È un giorno importante, non solo per lei. Liliana Segre oggi compie 95 anni, ma non sarà una ricorrenza festosa. Messaggi di auguri stanno già arrivando. Come quello del Memoriale della shoah di Milano: "La sua forza e il suo esempio - si legge - sono da sempre una forte luce che accompagna nel presente questo luogo e ne ispira il cammino". Ma non sono previste celebrazioni ufficiali. La senatrice a vita trascorrerà una giornata dedicata agli affetti familiari a Pesaro, città che le è cara, con figli e nipoti. Chi la conosce, conferma che Liliana resta "forte nella sua tempra e nelle sue convinzioni ideali", anche se provata da un momento non certo gioioso.

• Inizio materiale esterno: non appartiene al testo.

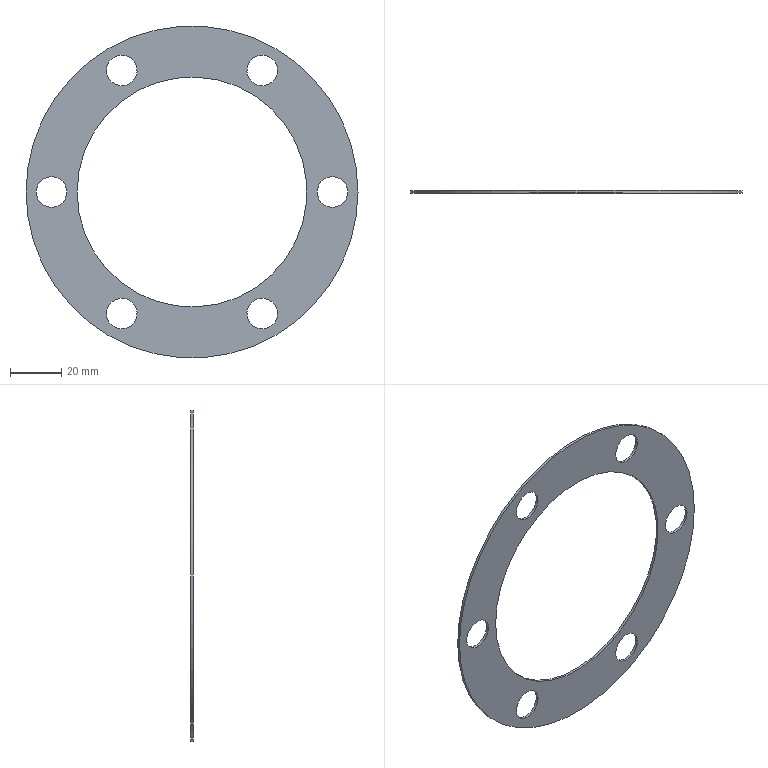Component | NX | T1_SHIM1 | 1 solid | 10 faces | box 130 x 1 x 130 mm | volume 6233 mm3 | cylinder 8 | plane 2 | commonest cylinder face diameters 12 x6 90 x1 130 x1
STEP:
#1=CARTESIAN_POINT('',(0.,0.,0.));
#2=DIRECTION('',(0.,0.,1.));
#3=DIRECTION('',(1.,0.,0.));
#4=AXIS2_PLACEMENT_3D('',#1,#2,#3);
#5=CARTESIAN_POINT('',(-40.,-81.,113.5));
#6=VERTEX_POINT('',#5);
#7=CARTESIAN_POINT('',(5.,-81.,113.5));
#8=DIRECTION('',(0.,1.,0.));
#9=DIRECTION('',(-1.,0.,0.));
#10=AXIS2_PLACEMENT_3D('',#7,#8,#9);
#11=CIRCLE('',#10,45.);
#12=CARTESIAN_POINT('',(5.,-81.,113.5));
#13=DIRECTION('',(0.,-1.,0.));
#14=DIRECTION('',(1.,0.,0.));
#15=AXIS2_PLACEMENT_3D('',#12,#13,#14);
#16=CYLINDRICAL_SURFACE('',#15,45.);
#17=CARTESIAN_POINT('',(9.425,0.));
#18=DIRECTION('',(-1.,0.));
#19=VECTOR('',#18,1.);
#20=LINE('',#17,#19);
#21=(GEOMETRIC_REPRESENTATION_CONTEXT(2)PARAMETRIC_REPRESENTATION_CONTEXT()REPRESENTATION_CONTEXT('',''));
#22=DEFINITIONAL_REPRESENTATION('',(#20),#21);
#23=PCURVE('',#16,#22);
#24=CARTESIAN_POINT('',(-22.5,-81.,113.5));
#25=DIRECTION('',(0.,1.,0.));
#26=DIRECTION('',(-1.,0.,0.));
#27=AXIS2_PLACEMENT_3D('',#24,#25,#26);
#28=PLANE('',#27);
#29=CARTESIAN_POINT('',(-27.5,0.));
#30=DIRECTION('',(1.,0.));
#31=AXIS2_PLACEMENT_2D('',#29,#30);
#32=CIRCLE('',#31,45.);
#33=(GEOMETRIC_REPRESENTATION_CONTEXT(2)PARAMETRIC_REPRESENTATION_CONTEXT()REPRESENTATION_CONTEXT('',''));
#34=DEFINITIONAL_REPRESENTATION('',(#32),#33);
#35=PCURVE('',#28,#34);
#36=SURFACE_CURVE('',#11,(#23,#35),.PCURVE_S1.);
#37=EDGE_CURVE('',#6,#6,#36,.T.);
#38=ORIENTED_EDGE('',*,*,#37,.F.);
#39=CARTESIAN_POINT('',(-40.,-82.,113.5));
#40=VERTEX_POINT('',#39);
#41=CARTESIAN_POINT('',(-40.,-81.,113.5));
#42=CARTESIAN_POINT('',(-40.,-82.,113.5));
#43=B_SPLINE_CURVE_WITH_KNOTS('',1,(#41,#42),.UNSPECIFIED.,.F.,.F.,(2,2),(0.,1.),.PIECEWISE_BEZIER_KNOTS.);
#44=CARTESIAN_POINT('',(9.425,0.));
#45=DIRECTION('',(0.,1.));
#46=VECTOR('',#45,1.);
#47=LINE('',#44,#46);
#48=(GEOMETRIC_REPRESENTATION_CONTEXT(2)PARAMETRIC_REPRESENTATION_CONTEXT()REPRESENTATION_CONTEXT('',''));
#49=DEFINITIONAL_REPRESENTATION('',(#47),#48);
#50=PCURVE('',#16,#49);
#51=CARTESIAN_POINT('',(3.142,0.));
#52=DIRECTION('',(0.,1.));
#53=VECTOR('',#52,1.);
#54=LINE('',#51,#53);
#55=(GEOMETRIC_REPRESENTATION_CONTEXT(2)PARAMETRIC_REPRESENTATION_CONTEXT()REPRESENTATION_CONTEXT('',''));
#56=DEFINITIONAL_REPRESENTATION('',(#54),#55);
#57=PCURVE('',#16,#56);
#58=SEAM_CURVE('',#43,(#50,#57),.PCURVE_S1.);
#59=EDGE_CURVE('',#6,#40,#58,.T.);
#60=ORIENTED_EDGE('',*,*,#59,.T.);
#61=CARTESIAN_POINT('',(5.,-82.,113.5));
#62=DIRECTION('',(0.,1.,0.));
#63=DIRECTION('',(-1.,0.,0.));
#64=AXIS2_PLACEMENT_3D('',#61,#62,#63);
#65=CIRCLE('',#64,45.);
#66=CARTESIAN_POINT('',(9.425,1.));
#67=DIRECTION('',(-1.,0.));
#68=VECTOR('',#67,1.);
#69=LINE('',#66,#68);
#70=(GEOMETRIC_REPRESENTATION_CONTEXT(2)PARAMETRIC_REPRESENTATION_CONTEXT()REPRESENTATION_CONTEXT('',''));
#71=DEFINITIONAL_REPRESENTATION('',(#69),#70);
#72=PCURVE('',#16,#71);
#73=CARTESIAN_POINT('',(-22.5,-82.,113.5));
#74=DIRECTION('',(0.,1.,0.));
#75=DIRECTION('',(-1.,0.,0.));
#76=AXIS2_PLACEMENT_3D('',#73,#74,#75);
#77=PLANE('',#76);
#78=CARTESIAN_POINT('',(-27.5,0.));
#79=DIRECTION('',(1.,0.));
#80=AXIS2_PLACEMENT_2D('',#78,#79);
#81=CIRCLE('',#80,45.);
#82=(GEOMETRIC_REPRESENTATION_CONTEXT(2)PARAMETRIC_REPRESENTATION_CONTEXT()REPRESENTATION_CONTEXT('',''));
#83=DEFINITIONAL_REPRESENTATION('',(#81),#82);
#84=PCURVE('',#77,#83);
#85=SURFACE_CURVE('',#65,(#72,#84),.PCURVE_S1.);
#86=EDGE_CURVE('',#40,#40,#85,.T.);
#87=ORIENTED_EDGE('',*,*,#86,.T.);
#88=ORIENTED_EDGE('',*,*,#59,.F.);
#89=EDGE_LOOP('',(#38,#60,#87,#88));
#90=FACE_BOUND('',#89,.F.);
#91=ADVANCED_FACE('',(#90),#16,.F.);
#92=CARTESIAN_POINT('',(35.5,-81.,60.672));
#93=VERTEX_POINT('',#92);
#94=CARTESIAN_POINT('',(32.5,-81.,65.869));
#95=DIRECTION('',(0.,1.,0.));
#96=DIRECTION('',(0.5,0.,-0.866));
#97=AXIS2_PLACEMENT_3D('',#94,#95,#96);
#98=CIRCLE('',#97,6.);
#99=CARTESIAN_POINT('',(32.5,-81.,65.869));
#100=DIRECTION('',(0.,-1.,0.));
#101=DIRECTION('',(1.,0.,0.));
#102=AXIS2_PLACEMENT_3D('',#99,#100,#101);
#103=CYLINDRICAL_SURFACE('',#102,6.);
#104=CARTESIAN_POINT('',(11.519,0.));
#105=DIRECTION('',(-1.,0.));
#106=VECTOR('',#105,1.);
#107=LINE('',#104,#106);
#108=(GEOMETRIC_REPRESENTATION_CONTEXT(2)PARAMETRIC_REPRESENTATION_CONTEXT()REPRESENTATION_CONTEXT('',''));
#109=DEFINITIONAL_REPRESENTATION('',(#107),#108);
#110=PCURVE('',#103,#109);
#111=CARTESIAN_POINT('',(-55.,-47.631));
#112=DIRECTION('',(-0.5,-0.866));
#113=AXIS2_PLACEMENT_2D('',#111,#112);
#114=CIRCLE('',#113,6.);
#115=(GEOMETRIC_REPRESENTATION_CONTEXT(2)PARAMETRIC_REPRESENTATION_CONTEXT()REPRESENTATION_CONTEXT('',''));
#116=DEFINITIONAL_REPRESENTATION('',(#114),#115);
#117=PCURVE('',#28,#116);
#118=SURFACE_CURVE('',#98,(#110,#117),.PCURVE_S1.);
#119=EDGE_CURVE('',#93,#93,#118,.T.);
#120=ORIENTED_EDGE('',*,*,#119,.F.);
#121=CARTESIAN_POINT('',(35.5,-82.,60.672));
#122=VERTEX_POINT('',#121);
#123=CARTESIAN_POINT('',(35.5,-81.,60.672));
#124=CARTESIAN_POINT('',(35.5,-82.,60.672));
#125=B_SPLINE_CURVE_WITH_KNOTS('',1,(#123,#124),.UNSPECIFIED.,.F.,.F.,(2,2),(0.,1.),.PIECEWISE_BEZIER_KNOTS.);
#126=CARTESIAN_POINT('',(11.519,0.));
#127=DIRECTION('',(0.,1.));
#128=VECTOR('',#127,1.);
#129=LINE('',#126,#128);
#130=(GEOMETRIC_REPRESENTATION_CONTEXT(2)PARAMETRIC_REPRESENTATION_CONTEXT()REPRESENTATION_CONTEXT('',''));
#131=DEFINITIONAL_REPRESENTATION('',(#129),#130);
#132=PCURVE('',#103,#131);
#133=CARTESIAN_POINT('',(5.236,0.));
#134=DIRECTION('',(0.,1.));
#135=VECTOR('',#134,1.);
#136=LINE('',#133,#135);
#137=(GEOMETRIC_REPRESENTATION_CONTEXT(2)PARAMETRIC_REPRESENTATION_CONTEXT()REPRESENTATION_CONTEXT('',''));
#138=DEFINITIONAL_REPRESENTATION('',(#136),#137);
#139=PCURVE('',#103,#138);
#140=SEAM_CURVE('',#125,(#132,#139),.PCURVE_S1.);
#141=EDGE_CURVE('',#93,#122,#140,.T.);
#142=ORIENTED_EDGE('',*,*,#141,.T.);
#143=CARTESIAN_POINT('',(32.5,-82.,65.869));
#144=DIRECTION('',(0.,1.,0.));
#145=DIRECTION('',(0.5,0.,-0.866));
#146=AXIS2_PLACEMENT_3D('',#143,#144,#145);
#147=CIRCLE('',#146,6.);
#148=CARTESIAN_POINT('',(11.519,1.));
#149=DIRECTION('',(-1.,0.));
#150=VECTOR('',#149,1.);
#151=LINE('',#148,#150);
#152=(GEOMETRIC_REPRESENTATION_CONTEXT(2)PARAMETRIC_REPRESENTATION_CONTEXT()REPRESENTATION_CONTEXT('',''));
#153=DEFINITIONAL_REPRESENTATION('',(#151),#152);
#154=PCURVE('',#103,#153);
#155=CARTESIAN_POINT('',(-55.,-47.631));
#156=DIRECTION('',(-0.5,-0.866));
#157=AXIS2_PLACEMENT_2D('',#155,#156);
#158=CIRCLE('',#157,6.);
#159=(GEOMETRIC_REPRESENTATION_CONTEXT(2)PARAMETRIC_REPRESENTATION_CONTEXT()REPRESENTATION_CONTEXT('',''));
#160=DEFINITIONAL_REPRESENTATION('',(#158),#159);
#161=PCURVE('',#77,#160);
#162=SURFACE_CURVE('',#147,(#154,#161),.PCURVE_S1.);
#163=EDGE_CURVE('',#122,#122,#162,.T.);
#164=ORIENTED_EDGE('',*,*,#163,.T.);
#165=ORIENTED_EDGE('',*,*,#141,.F.);
#166=EDGE_LOOP('',(#120,#142,#164,#165));
#167=FACE_BOUND('',#166,.F.);
#168=ADVANCED_FACE('',(#167),#103,.F.);
#169=CARTESIAN_POINT('',(35.5,-81.,166.328));
#170=VERTEX_POINT('',#169);
#171=CARTESIAN_POINT('',(32.5,-81.,161.131));
#172=DIRECTION('',(0.,1.,0.));
#173=DIRECTION('',(0.5,0.,0.866));
#174=AXIS2_PLACEMENT_3D('',#171,#172,#173);
#175=CIRCLE('',#174,6.);
#176=CARTESIAN_POINT('',(32.5,-81.,161.131));
#177=DIRECTION('',(0.,-1.,0.));
#178=DIRECTION('',(1.,0.,0.));
#179=AXIS2_PLACEMENT_3D('',#176,#177,#178);
#180=CYLINDRICAL_SURFACE('',#179,6.);
#181=CARTESIAN_POINT('',(7.33,0.));
#182=DIRECTION('',(-1.,0.));
#183=VECTOR('',#182,1.);
#184=LINE('',#181,#183);
#185=(GEOMETRIC_REPRESENTATION_CONTEXT(2)PARAMETRIC_REPRESENTATION_CONTEXT()REPRESENTATION_CONTEXT('',''));
#186=DEFINITIONAL_REPRESENTATION('',(#184),#185);
#187=PCURVE('',#180,#186);
#188=CARTESIAN_POINT('',(-55.,47.631));
#189=DIRECTION('',(-0.5,0.866));
#190=AXIS2_PLACEMENT_2D('',#188,#189);
#191=CIRCLE('',#190,6.);
#192=(GEOMETRIC_REPRESENTATION_CONTEXT(2)PARAMETRIC_REPRESENTATION_CONTEXT()REPRESENTATION_CONTEXT('',''));
#193=DEFINITIONAL_REPRESENTATION('',(#191),#192);
#194=PCURVE('',#28,#193);
#195=SURFACE_CURVE('',#175,(#187,#194),.PCURVE_S1.);
#196=EDGE_CURVE('',#170,#170,#195,.T.);
#197=ORIENTED_EDGE('',*,*,#196,.F.);
#198=CARTESIAN_POINT('',(35.5,-82.,166.328));
#199=VERTEX_POINT('',#198);
#200=CARTESIAN_POINT('',(35.5,-81.,166.328));
#201=CARTESIAN_POINT('',(35.5,-82.,166.328));
#202=B_SPLINE_CURVE_WITH_KNOTS('',1,(#200,#201),.UNSPECIFIED.,.F.,.F.,(2,2),(0.,1.),.PIECEWISE_BEZIER_KNOTS.);
#203=CARTESIAN_POINT('',(7.33,0.));
#204=DIRECTION('',(0.,1.));
#205=VECTOR('',#204,1.);
#206=LINE('',#203,#205);
#207=(GEOMETRIC_REPRESENTATION_CONTEXT(2)PARAMETRIC_REPRESENTATION_CONTEXT()REPRESENTATION_CONTEXT('',''));
#208=DEFINITIONAL_REPRESENTATION('',(#206),#207);
#209=PCURVE('',#180,#208);
#210=CARTESIAN_POINT('',(1.047,0.));
#211=DIRECTION('',(0.,1.));
#212=VECTOR('',#211,1.);
#213=LINE('',#210,#212);
#214=(GEOMETRIC_REPRESENTATION_CONTEXT(2)PARAMETRIC_REPRESENTATION_CONTEXT()REPRESENTATION_CONTEXT('',''));
#215=DEFINITIONAL_REPRESENTATION('',(#213),#214);
#216=PCURVE('',#180,#215);
#217=SEAM_CURVE('',#202,(#209,#216),.PCURVE_S1.);
#218=EDGE_CURVE('',#170,#199,#217,.T.);
#219=ORIENTED_EDGE('',*,*,#218,.T.);
#220=CARTESIAN_POINT('',(32.5,-82.,161.131));
#221=DIRECTION('',(0.,1.,0.));
#222=DIRECTION('',(0.5,0.,0.866));
#223=AXIS2_PLACEMENT_3D('',#220,#221,#222);
#224=CIRCLE('',#223,6.);
#225=CARTESIAN_POINT('',(7.33,1.));
#226=DIRECTION('',(-1.,0.));
#227=VECTOR('',#226,1.);
#228=LINE('',#225,#227);
#229=(GEOMETRIC_REPRESENTATION_CONTEXT(2)PARAMETRIC_REPRESENTATION_CONTEXT()REPRESENTATION_CONTEXT('',''));
#230=DEFINITIONAL_REPRESENTATION('',(#228),#229);
#231=PCURVE('',#180,#230);
#232=CARTESIAN_POINT('',(-55.,47.631));
#233=DIRECTION('',(-0.5,0.866));
#234=AXIS2_PLACEMENT_2D('',#232,#233);
#235=CIRCLE('',#234,6.);
#236=(GEOMETRIC_REPRESENTATION_CONTEXT(2)PARAMETRIC_REPRESENTATION_CONTEXT()REPRESENTATION_CONTEXT('',''));
#237=DEFINITIONAL_REPRESENTATION('',(#235),#236);
#238=PCURVE('',#77,#237);
#239=SURFACE_CURVE('',#224,(#231,#238),.PCURVE_S1.);
#240=EDGE_CURVE('',#199,#199,#239,.T.);
#241=ORIENTED_EDGE('',*,*,#240,.T.);
#242=ORIENTED_EDGE('',*,*,#218,.F.);
#243=EDGE_LOOP('',(#197,#219,#241,#242));
#244=FACE_BOUND('',#243,.F.);
#245=ADVANCED_FACE('',(#244),#180,.F.);
#246=CARTESIAN_POINT('',(-25.5,-81.,60.672));
#247=VERTEX_POINT('',#246);
#248=CARTESIAN_POINT('',(-22.5,-81.,65.869));
#249=DIRECTION('',(0.,1.,0.));
#250=DIRECTION('',(-0.5,0.,-0.866));
#251=AXIS2_PLACEMENT_3D('',#248,#249,#250);
#252=CIRCLE('',#251,6.);
#253=CARTESIAN_POINT('',(-22.5,-81.,65.869));
#254=DIRECTION('',(0.,-1.,0.));
#255=DIRECTION('',(1.,0.,0.));
#256=AXIS2_PLACEMENT_3D('',#253,#254,#255);
#257=CYLINDRICAL_SURFACE('',#256,6.);
#258=CARTESIAN_POINT('',(10.472,0.));
#259=DIRECTION('',(-1.,0.));
#260=VECTOR('',#259,1.);
#261=LINE('',#258,#260);
#262=(GEOMETRIC_REPRESENTATION_CONTEXT(2)PARAMETRIC_REPRESENTATION_CONTEXT()REPRESENTATION_CONTEXT('',''));
#263=DEFINITIONAL_REPRESENTATION('',(#261),#262);
#264=PCURVE('',#257,#263);
#265=CARTESIAN_POINT('',(-0.,-47.631));
#266=DIRECTION('',(0.5,-0.866));
#267=AXIS2_PLACEMENT_2D('',#265,#266);
#268=CIRCLE('',#267,6.);
#269=(GEOMETRIC_REPRESENTATION_CONTEXT(2)PARAMETRIC_REPRESENTATION_CONTEXT()REPRESENTATION_CONTEXT('',''));
#270=DEFINITIONAL_REPRESENTATION('',(#268),#269);
#271=PCURVE('',#28,#270);
#272=SURFACE_CURVE('',#252,(#264,#271),.PCURVE_S1.);
#273=EDGE_CURVE('',#247,#247,#272,.T.);
#274=ORIENTED_EDGE('',*,*,#273,.F.);
#275=CARTESIAN_POINT('',(-25.5,-82.,60.672));
#276=VERTEX_POINT('',#275);
#277=CARTESIAN_POINT('',(-25.5,-81.,60.672));
#278=CARTESIAN_POINT('',(-25.5,-82.,60.672));
#279=B_SPLINE_CURVE_WITH_KNOTS('',1,(#277,#278),.UNSPECIFIED.,.F.,.F.,(2,2),(0.,1.),.PIECEWISE_BEZIER_KNOTS.);
#280=CARTESIAN_POINT('',(10.472,0.));
#281=DIRECTION('',(0.,1.));
#282=VECTOR('',#281,1.);
#283=LINE('',#280,#282);
#284=(GEOMETRIC_REPRESENTATION_CONTEXT(2)PARAMETRIC_REPRESENTATION_CONTEXT()REPRESENTATION_CONTEXT('',''));
#285=DEFINITIONAL_REPRESENTATION('',(#283),#284);
#286=PCURVE('',#257,#285);
#287=CARTESIAN_POINT('',(4.189,0.));
#288=DIRECTION('',(0.,1.));
#289=VECTOR('',#288,1.);
#290=LINE('',#287,#289);
#291=(GEOMETRIC_REPRESENTATION_CONTEXT(2)PARAMETRIC_REPRESENTATION_CONTEXT()REPRESENTATION_CONTEXT('',''));
#292=DEFINITIONAL_REPRESENTATION('',(#290),#291);
#293=PCURVE('',#257,#292);
#294=SEAM_CURVE('',#279,(#286,#293),.PCURVE_S1.);
#295=EDGE_CURVE('',#247,#276,#294,.T.);
#296=ORIENTED_EDGE('',*,*,#295,.T.);
#297=CARTESIAN_POINT('',(-22.5,-82.,65.869));
#298=DIRECTION('',(0.,1.,0.));
#299=DIRECTION('',(-0.5,0.,-0.866));
#300=AXIS2_PLACEMENT_3D('',#297,#298,#299);
#301=CIRCLE('',#300,6.);
#302=CARTESIAN_POINT('',(10.472,1.));
#303=DIRECTION('',(-1.,0.));
#304=VECTOR('',#303,1.);
#305=LINE('',#302,#304);
#306=(GEOMETRIC_REPRESENTATION_CONTEXT(2)PARAMETRIC_REPRESENTATION_CONTEXT()REPRESENTATION_CONTEXT('',''));
#307=DEFINITIONAL_REPRESENTATION('',(#305),#306);
#308=PCURVE('',#257,#307);
#309=CARTESIAN_POINT('',(-0.,-47.631));
#310=DIRECTION('',(0.5,-0.866));
#311=AXIS2_PLACEMENT_2D('',#309,#310);
#312=CIRCLE('',#311,6.);
#313=(GEOMETRIC_REPRESENTATION_CONTEXT(2)PARAMETRIC_REPRESENTATION_CONTEXT()REPRESENTATION_CONTEXT('',''));
#314=DEFINITIONAL_REPRESENTATION('',(#312),#313);
#315=PCURVE('',#77,#314);
#316=SURFACE_CURVE('',#301,(#308,#315),.PCURVE_S1.);
#317=EDGE_CURVE('',#276,#276,#316,.T.);
#318=ORIENTED_EDGE('',*,*,#317,.T.);
#319=ORIENTED_EDGE('',*,*,#295,.F.);
#320=EDGE_LOOP('',(#274,#296,#318,#319));
#321=FACE_BOUND('',#320,.F.);
#322=ADVANCED_FACE('',(#321),#257,.F.);
#323=CARTESIAN_POINT('',(-25.5,-81.,166.328));
#324=VERTEX_POINT('',#323);
#325=CARTESIAN_POINT('',(-22.5,-81.,161.131));
#326=DIRECTION('',(0.,1.,0.));
#327=DIRECTION('',(-0.5,0.,0.866));
#328=AXIS2_PLACEMENT_3D('',#325,#326,#327);
#329=CIRCLE('',#328,6.);
#330=CARTESIAN_POINT('',(-22.5,-81.,161.131));
#331=DIRECTION('',(0.,-1.,0.));
#332=DIRECTION('',(1.,0.,0.));
#333=AXIS2_PLACEMENT_3D('',#330,#331,#332);
#334=CYLINDRICAL_SURFACE('',#333,6.);
#335=CARTESIAN_POINT('',(8.378,0.));
#336=DIRECTION('',(-1.,0.));
#337=VECTOR('',#336,1.);
#338=LINE('',#335,#337);
#339=(GEOMETRIC_REPRESENTATION_CONTEXT(2)PARAMETRIC_REPRESENTATION_CONTEXT()REPRESENTATION_CONTEXT('',''));
#340=DEFINITIONAL_REPRESENTATION('',(#338),#339);
#341=PCURVE('',#334,#340);
#342=CARTESIAN_POINT('',(0.,47.631));
#343=DIRECTION('',(0.5,0.866));
#344=AXIS2_PLACEMENT_2D('',#342,#343);
#345=CIRCLE('',#344,6.);
#346=(GEOMETRIC_REPRESENTATION_CONTEXT(2)PARAMETRIC_REPRESENTATION_CONTEXT()REPRESENTATION_CONTEXT('',''));
#347=DEFINITIONAL_REPRESENTATION('',(#345),#346);
#348=PCURVE('',#28,#347);
#349=SURFACE_CURVE('',#329,(#341,#348),.PCURVE_S1.);
#350=EDGE_CURVE('',#324,#324,#349,.T.);
#351=ORIENTED_EDGE('',*,*,#350,.F.);
#352=CARTESIAN_POINT('',(-25.5,-82.,166.328));
#353=VERTEX_POINT('',#352);
#354=CARTESIAN_POINT('',(-25.5,-81.,166.328));
#355=CARTESIAN_POINT('',(-25.5,-82.,166.328));
#356=B_SPLINE_CURVE_WITH_KNOTS('',1,(#354,#355),.UNSPECIFIED.,.F.,.F.,(2,2),(0.,1.),.PIECEWISE_BEZIER_KNOTS.);
#357=CARTESIAN_POINT('',(8.378,0.));
#358=DIRECTION('',(0.,1.));
#359=VECTOR('',#358,1.);
#360=LINE('',#357,#359);
#361=(GEOMETRIC_REPRESENTATION_CONTEXT(2)PARAMETRIC_REPRESENTATION_CONTEXT()REPRESENTATION_CONTEXT('',''));
#362=DEFINITIONAL_REPRESENTATION('',(#360),#361);
#363=PCURVE('',#334,#362);
#364=CARTESIAN_POINT('',(2.094,0.));
#365=DIRECTION('',(0.,1.));
#366=VECTOR('',#365,1.);
#367=LINE('',#364,#366);
#368=(GEOMETRIC_REPRESENTATION_CONTEXT(2)PARAMETRIC_REPRESENTATION_CONTEXT()REPRESENTATION_CONTEXT('',''));
#369=DEFINITIONAL_REPRESENTATION('',(#367),#368);
#370=PCURVE('',#334,#369);
#371=SEAM_CURVE('',#356,(#363,#370),.PCURVE_S1.);
#372=EDGE_CURVE('',#324,#353,#371,.T.);
#373=ORIENTED_EDGE('',*,*,#372,.T.);
#374=CARTESIAN_POINT('',(-22.5,-82.,161.131));
#375=DIRECTION('',(0.,1.,0.));
#376=DIRECTION('',(-0.5,0.,0.866));
#377=AXIS2_PLACEMENT_3D('',#374,#375,#376);
#378=CIRCLE('',#377,6.);
#379=CARTESIAN_POINT('',(8.378,1.));
#380=DIRECTION('',(-1.,0.));
#381=VECTOR('',#380,1.);
#382=LINE('',#379,#381);
#383=(GEOMETRIC_REPRESENTATION_CONTEXT(2)PARAMETRIC_REPRESENTATION_CONTEXT()REPRESENTATION_CONTEXT('',''));
#384=DEFINITIONAL_REPRESENTATION('',(#382),#383);
#385=PCURVE('',#334,#384);
#386=CARTESIAN_POINT('',(0.,47.631));
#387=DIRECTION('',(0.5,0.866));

Nata a Milano il 10 settembre 1930, testimone vivente degli orrori della Shoah, per quest'opera nominata da Sergio Mattarella il 19 gennaio 2018 - anno dell'ottantesimo delle leggi razziste - oggi Segre si staglia come un riferimento morale del Paese in un passaggio che, sul piano globale, è carico di incognite, segnato dal dramma della guerra in Medio oriente e dal ritorno - in Europa - dell'antico virus dell'antisemitismo. Sono stati mesi difficili, per lei, e l'hanno anche provata moralmente. Nell'ultima intervista, a La Repubblica ha parlato della "amarezza smisurata" in cui è chiusa. Una prima dolorosa sensazione è che le lezioni della storia non siano state comprese, ed è particolarmente amara per lei, oggi una "nonna" (come ama definirsi) nel 1944-45 sopravvissuta ad Auschwitz con altri 25 bambini italiani (su 776 deportati).
Le vittime degli attacchi del 7 ottobre, le vittime della guerra a Gaza. I bambini soprattutto. Questo vede, addolorata, Liliana. Il terrorismo "mostruoso" di Hamas da un lato, e dall'altro Israele, "sull'orlo dell'abisso", che affida la sua reazione a una forza cieca con "il rischio di arrivare all'indicibile". "Straziante". Eppure è ferma, la senatrice, nelle sua convinzioni, per esempio nel non assecondare l'abuso, della categoria "genocidio", scagliata con fare ossessivo e compiaciuto contro Israele, anzi contro il popolo ebraico, quasi a sottolineare un contrappasso che cancelli tutto, affibbiando le responsabilità di oggi alle vittime di ieri. Ed è ferma nel richiamarsi alla necessità di prospettive di pace in cui due popoli vivano uno accanto all'altro. Per questa fermezza morale da molti è amata e da qualcuno tirata in ballo a sproposito, attaccata e a volte insultata. Ciò non ha fatto altro che indurla a evitare con cura ogni occasione di strumentalizzazione. Ma resta il dovere della memoria, a cui dare un futuro.
Il 20 settembre - le sta molto a cuore - sarà celebrata la "Giornata degli internati militari italiani" (tra loro il marito, Alfredo Belli Paci) e poi - nel 2026 - la convention dell'Alleanza parlamentare contro l'odio, da preparare con cura. Perché memoria è sempre.